If the source data does not include a header as the first row, meaning the first row contains actual data, you must include the HEADER property when creating a JOB. This tells Upsolver to take the following actions:

  1. Use the provided HEADER property for column names

  2. Do not skip the first row since it contains data

If your data does not include a header row and you do not set a HEADER property when creating the job, Upsolver will assume the first row is a header and not process it.

HEADER_LINE

Type: string

Default: Empty string

(Optional) A string containing a comma-separated list of header names. This is an alternative to HEADER.

NULL_VALUE

Type: text

(Optional) Values in the TSV that match the provided value are interpreted as null.

MAX_COLUMNS

Type: integer

(Optional) The number of columns to allocate when reading a row. Note that larger values may perform poorly.

ALLOW_DUPLICATE_HEADERS

Type: Boolean

Default: false

(Optional) When true, repeat headers are allowed. Numeric suffixes are added for disambiguation.

JSON

CONTENT_TYPE = (
    TYPE = JSON
    [ SPLIT_ROOT_ARRAY = { TRUE | FALSE } ] 
    [ STORE_JSON_AS_STRING = { TRUE | FALSE } ]
)

SPLIT_ROOT_ARRAY

Type: Boolean

Default: true

(Optional) When true, a root object that is an array is parsed as separate events. When false, it is parsed as a single event that contains only an array.

STORE_JSON_AS_STRING

Type: Boolean

Default: false

(Optional) When true, a copy of the original JSON is stored as a string value in an additional column.

AVRO_SCHEMA_REGISTRY

Note that only Avro schemas are currently supported.

CONTENT_TYPE = (
    TYPE = AVRO_SCHEMA_REGISTRY
    SCHEMA_REGISTRY_URL = '<url>'
)

SCHEMA_REGISTRY_URL

Type: text

Avro schema registry URL. To support schema evolution add {id} to the URL and Upsolver will embed the id from the AVRO header.

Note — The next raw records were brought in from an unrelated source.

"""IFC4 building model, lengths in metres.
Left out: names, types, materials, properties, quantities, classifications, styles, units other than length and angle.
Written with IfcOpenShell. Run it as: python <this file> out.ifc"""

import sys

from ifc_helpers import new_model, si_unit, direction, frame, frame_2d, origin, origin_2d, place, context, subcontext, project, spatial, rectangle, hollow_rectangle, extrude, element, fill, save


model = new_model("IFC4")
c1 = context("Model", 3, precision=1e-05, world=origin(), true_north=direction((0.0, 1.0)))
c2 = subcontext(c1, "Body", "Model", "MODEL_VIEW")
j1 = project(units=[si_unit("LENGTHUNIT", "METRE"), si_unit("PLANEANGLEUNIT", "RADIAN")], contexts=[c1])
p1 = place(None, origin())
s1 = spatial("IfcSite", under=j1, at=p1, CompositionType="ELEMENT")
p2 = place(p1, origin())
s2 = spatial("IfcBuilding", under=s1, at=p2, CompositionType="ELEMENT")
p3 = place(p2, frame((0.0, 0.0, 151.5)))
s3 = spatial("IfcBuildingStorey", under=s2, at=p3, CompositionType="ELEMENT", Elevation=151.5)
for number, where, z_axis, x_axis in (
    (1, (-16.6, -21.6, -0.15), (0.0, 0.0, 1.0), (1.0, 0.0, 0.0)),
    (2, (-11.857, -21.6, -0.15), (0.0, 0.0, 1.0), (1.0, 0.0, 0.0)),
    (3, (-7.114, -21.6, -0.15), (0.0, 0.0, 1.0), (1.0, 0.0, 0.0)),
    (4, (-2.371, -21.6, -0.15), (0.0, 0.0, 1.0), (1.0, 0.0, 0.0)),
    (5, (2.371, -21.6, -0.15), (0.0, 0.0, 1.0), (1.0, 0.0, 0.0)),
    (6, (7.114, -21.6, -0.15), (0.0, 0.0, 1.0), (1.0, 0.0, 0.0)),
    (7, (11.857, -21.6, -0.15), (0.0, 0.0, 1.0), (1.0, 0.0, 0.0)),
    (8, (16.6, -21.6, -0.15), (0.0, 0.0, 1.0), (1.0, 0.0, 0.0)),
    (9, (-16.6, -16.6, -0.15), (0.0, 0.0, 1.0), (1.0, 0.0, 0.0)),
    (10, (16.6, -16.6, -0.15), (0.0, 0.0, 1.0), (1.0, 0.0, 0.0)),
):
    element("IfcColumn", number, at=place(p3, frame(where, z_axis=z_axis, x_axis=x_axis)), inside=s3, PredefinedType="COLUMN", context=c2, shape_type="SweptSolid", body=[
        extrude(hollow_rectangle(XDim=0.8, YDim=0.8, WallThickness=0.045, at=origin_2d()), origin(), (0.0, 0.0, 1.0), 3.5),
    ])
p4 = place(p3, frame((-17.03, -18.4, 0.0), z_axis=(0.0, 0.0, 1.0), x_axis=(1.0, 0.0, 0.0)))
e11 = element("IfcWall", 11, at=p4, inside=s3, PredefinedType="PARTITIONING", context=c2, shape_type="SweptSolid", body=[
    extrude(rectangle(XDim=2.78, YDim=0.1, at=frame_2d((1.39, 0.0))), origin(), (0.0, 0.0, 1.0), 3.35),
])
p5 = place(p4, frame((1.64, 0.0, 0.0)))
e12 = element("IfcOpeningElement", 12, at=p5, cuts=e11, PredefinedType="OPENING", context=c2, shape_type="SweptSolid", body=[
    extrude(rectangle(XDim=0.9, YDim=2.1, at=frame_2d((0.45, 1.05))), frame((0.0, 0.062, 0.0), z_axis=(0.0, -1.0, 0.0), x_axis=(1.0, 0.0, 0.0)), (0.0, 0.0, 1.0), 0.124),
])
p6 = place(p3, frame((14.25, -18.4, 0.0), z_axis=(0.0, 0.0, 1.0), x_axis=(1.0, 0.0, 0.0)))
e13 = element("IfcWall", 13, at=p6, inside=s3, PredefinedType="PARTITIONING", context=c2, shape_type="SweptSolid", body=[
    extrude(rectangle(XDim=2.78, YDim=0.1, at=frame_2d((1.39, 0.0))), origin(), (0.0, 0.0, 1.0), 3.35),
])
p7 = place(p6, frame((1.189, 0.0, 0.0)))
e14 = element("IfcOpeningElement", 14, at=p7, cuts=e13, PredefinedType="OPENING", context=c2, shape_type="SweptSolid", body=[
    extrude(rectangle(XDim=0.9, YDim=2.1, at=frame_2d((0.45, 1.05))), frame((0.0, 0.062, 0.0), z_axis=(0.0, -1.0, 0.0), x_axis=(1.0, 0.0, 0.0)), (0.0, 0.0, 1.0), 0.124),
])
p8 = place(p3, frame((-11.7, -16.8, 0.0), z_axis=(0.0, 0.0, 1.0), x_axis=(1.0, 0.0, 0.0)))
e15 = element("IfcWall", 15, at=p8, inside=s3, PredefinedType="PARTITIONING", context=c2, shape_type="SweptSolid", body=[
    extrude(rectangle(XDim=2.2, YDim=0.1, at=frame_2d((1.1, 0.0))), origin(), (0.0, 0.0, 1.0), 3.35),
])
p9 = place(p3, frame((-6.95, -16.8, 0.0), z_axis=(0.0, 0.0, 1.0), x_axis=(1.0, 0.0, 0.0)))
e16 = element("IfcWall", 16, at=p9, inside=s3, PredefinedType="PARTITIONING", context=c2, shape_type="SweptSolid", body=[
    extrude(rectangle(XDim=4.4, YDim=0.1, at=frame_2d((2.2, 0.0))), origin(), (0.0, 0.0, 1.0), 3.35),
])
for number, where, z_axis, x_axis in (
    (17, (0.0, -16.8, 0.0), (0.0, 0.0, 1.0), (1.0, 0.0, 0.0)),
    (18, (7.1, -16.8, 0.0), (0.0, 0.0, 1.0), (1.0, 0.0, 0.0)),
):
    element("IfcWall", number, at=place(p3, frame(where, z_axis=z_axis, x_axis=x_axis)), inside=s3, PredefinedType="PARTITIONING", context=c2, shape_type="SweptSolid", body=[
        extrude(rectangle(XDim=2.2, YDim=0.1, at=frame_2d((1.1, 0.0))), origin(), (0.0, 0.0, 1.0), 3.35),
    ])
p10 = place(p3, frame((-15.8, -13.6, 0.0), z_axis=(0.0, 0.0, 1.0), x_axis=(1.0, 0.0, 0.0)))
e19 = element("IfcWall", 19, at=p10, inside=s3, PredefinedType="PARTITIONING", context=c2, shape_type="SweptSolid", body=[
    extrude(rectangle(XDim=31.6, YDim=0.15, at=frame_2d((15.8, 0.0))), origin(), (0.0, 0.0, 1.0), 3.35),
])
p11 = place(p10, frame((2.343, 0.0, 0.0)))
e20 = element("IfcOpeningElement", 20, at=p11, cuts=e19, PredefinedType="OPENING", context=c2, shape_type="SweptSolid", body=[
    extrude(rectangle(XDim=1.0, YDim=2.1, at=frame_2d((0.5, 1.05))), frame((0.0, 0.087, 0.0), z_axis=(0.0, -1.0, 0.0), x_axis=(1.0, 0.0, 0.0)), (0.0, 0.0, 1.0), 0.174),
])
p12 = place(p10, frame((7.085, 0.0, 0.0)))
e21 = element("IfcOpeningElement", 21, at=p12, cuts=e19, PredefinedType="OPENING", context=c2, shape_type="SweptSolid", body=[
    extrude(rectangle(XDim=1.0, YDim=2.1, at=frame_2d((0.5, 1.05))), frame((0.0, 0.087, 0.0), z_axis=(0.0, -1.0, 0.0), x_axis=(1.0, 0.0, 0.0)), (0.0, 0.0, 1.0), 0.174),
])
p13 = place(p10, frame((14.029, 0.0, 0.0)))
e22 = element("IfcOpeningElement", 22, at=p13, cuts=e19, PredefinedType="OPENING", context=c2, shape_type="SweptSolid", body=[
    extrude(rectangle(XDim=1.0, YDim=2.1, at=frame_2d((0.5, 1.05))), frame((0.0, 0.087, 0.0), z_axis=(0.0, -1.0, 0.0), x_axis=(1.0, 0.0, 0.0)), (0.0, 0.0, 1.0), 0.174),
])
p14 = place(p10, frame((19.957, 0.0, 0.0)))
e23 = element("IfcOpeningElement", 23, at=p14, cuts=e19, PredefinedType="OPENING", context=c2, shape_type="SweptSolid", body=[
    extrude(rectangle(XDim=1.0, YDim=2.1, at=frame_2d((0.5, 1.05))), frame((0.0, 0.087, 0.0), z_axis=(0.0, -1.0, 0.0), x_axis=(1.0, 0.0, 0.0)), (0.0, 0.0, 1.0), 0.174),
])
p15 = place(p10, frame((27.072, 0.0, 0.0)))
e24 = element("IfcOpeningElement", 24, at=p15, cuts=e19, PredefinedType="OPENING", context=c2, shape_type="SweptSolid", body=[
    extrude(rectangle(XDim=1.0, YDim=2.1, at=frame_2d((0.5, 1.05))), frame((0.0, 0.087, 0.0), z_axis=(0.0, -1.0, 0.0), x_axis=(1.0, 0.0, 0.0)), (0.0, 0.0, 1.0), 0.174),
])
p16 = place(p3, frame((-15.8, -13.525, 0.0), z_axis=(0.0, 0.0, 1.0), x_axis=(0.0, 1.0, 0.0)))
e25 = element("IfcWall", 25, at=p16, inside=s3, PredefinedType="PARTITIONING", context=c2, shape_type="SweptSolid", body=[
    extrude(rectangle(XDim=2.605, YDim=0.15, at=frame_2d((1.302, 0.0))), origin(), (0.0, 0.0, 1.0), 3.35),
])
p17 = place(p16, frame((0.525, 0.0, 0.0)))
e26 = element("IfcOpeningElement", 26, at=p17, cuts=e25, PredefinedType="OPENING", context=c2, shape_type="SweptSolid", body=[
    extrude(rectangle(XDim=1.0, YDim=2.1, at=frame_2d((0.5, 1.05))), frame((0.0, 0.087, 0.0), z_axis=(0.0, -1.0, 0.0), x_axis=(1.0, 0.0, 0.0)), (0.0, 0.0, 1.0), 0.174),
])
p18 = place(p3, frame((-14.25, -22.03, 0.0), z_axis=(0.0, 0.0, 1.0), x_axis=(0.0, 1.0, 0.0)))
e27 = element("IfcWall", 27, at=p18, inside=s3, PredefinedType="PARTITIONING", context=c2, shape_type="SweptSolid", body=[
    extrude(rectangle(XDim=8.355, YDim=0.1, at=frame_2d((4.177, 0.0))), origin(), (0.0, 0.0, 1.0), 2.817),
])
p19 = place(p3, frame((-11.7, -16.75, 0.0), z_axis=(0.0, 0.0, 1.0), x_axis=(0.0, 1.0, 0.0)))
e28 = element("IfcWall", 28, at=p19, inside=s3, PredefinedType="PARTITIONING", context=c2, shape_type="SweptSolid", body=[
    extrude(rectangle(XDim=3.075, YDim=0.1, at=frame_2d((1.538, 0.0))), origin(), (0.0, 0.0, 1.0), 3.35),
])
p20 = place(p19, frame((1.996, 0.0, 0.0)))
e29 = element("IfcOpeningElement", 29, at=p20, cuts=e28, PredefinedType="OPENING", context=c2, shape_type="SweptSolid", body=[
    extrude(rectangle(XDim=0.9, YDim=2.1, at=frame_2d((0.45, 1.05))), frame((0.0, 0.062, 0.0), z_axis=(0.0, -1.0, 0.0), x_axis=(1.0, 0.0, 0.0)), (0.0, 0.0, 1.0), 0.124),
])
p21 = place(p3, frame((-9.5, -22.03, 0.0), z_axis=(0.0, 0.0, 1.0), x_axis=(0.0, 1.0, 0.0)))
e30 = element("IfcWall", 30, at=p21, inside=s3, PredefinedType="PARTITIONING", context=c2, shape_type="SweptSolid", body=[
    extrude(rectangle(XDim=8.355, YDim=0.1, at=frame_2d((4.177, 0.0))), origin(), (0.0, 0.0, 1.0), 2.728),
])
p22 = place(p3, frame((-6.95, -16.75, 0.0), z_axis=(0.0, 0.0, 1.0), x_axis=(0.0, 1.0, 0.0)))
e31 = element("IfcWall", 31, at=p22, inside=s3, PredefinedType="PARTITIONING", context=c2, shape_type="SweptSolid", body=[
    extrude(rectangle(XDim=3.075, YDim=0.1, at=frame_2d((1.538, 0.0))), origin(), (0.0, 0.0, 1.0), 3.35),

For example, https://schema-registry.service.yourdomain.com/schemas/ids/{id}

FIXED_WIDTH

CONTENT_TYPE = (
    TYPE = FIXED_WIDTH
    [ COLUMNS =  ( (COLUMN_NAME = '<column_name>' 
                    START_INDEX = <integer> 
                    END_INDEX = <integer>) [,...] ) ]
    [ INFER_TYPES = { TRUE | FALSE } ]
)    

COLUMNS

Type: list

(Optional) An array of the name, start index, and end index for each column in the file.

INFER_TYPES

Type: Boolean

Default: false

(Optional) When true, each column's data type is inferred. When false, all data is treated as a string.

REGEX

See Java Pattern for more information.

CONTENT_TYPE = (
    TYPE = REGEX
    [ PATTERN = '<pattern>' ]
    [ MULTILINE = { TRUE | FALSE } ]
    [ INFER_TYPES = { TRUE | FALSE } ]
)

PATTERN

Type: text

(Optional) The pattern to match against the input. Named groups are extracted from the data.

MULTILINE

Type: Boolean

Default: false

(Optional) When true, the pattern is matched against the whole input. When false, it is matched against each line of the input.

INFER_TYPES

Type: Boolean

Default: false

(Optional) When true, each column's data types is inferred. When false, all data is treated as a string.

SPLIT_LINES

CONTENT_TYPE = (
    TYPE = SPLIT_LINES
    PATTERN = '<pattern>'
)

PATTERN

Type: text

(Optional) A regular expression pattern to split the data by. If left empty, the data is split by lines.

XML

CONTENT_TYPE = (
    TYPE = XML
    [ STORE_ROOT_AS_STRING = { TRUE | FALSE } ]                 
)

STORE_ROOT_AS_STRING

Type: Boolean

Default: false

(Optional) When true, a copy of the XML is stored as a string in an additional column.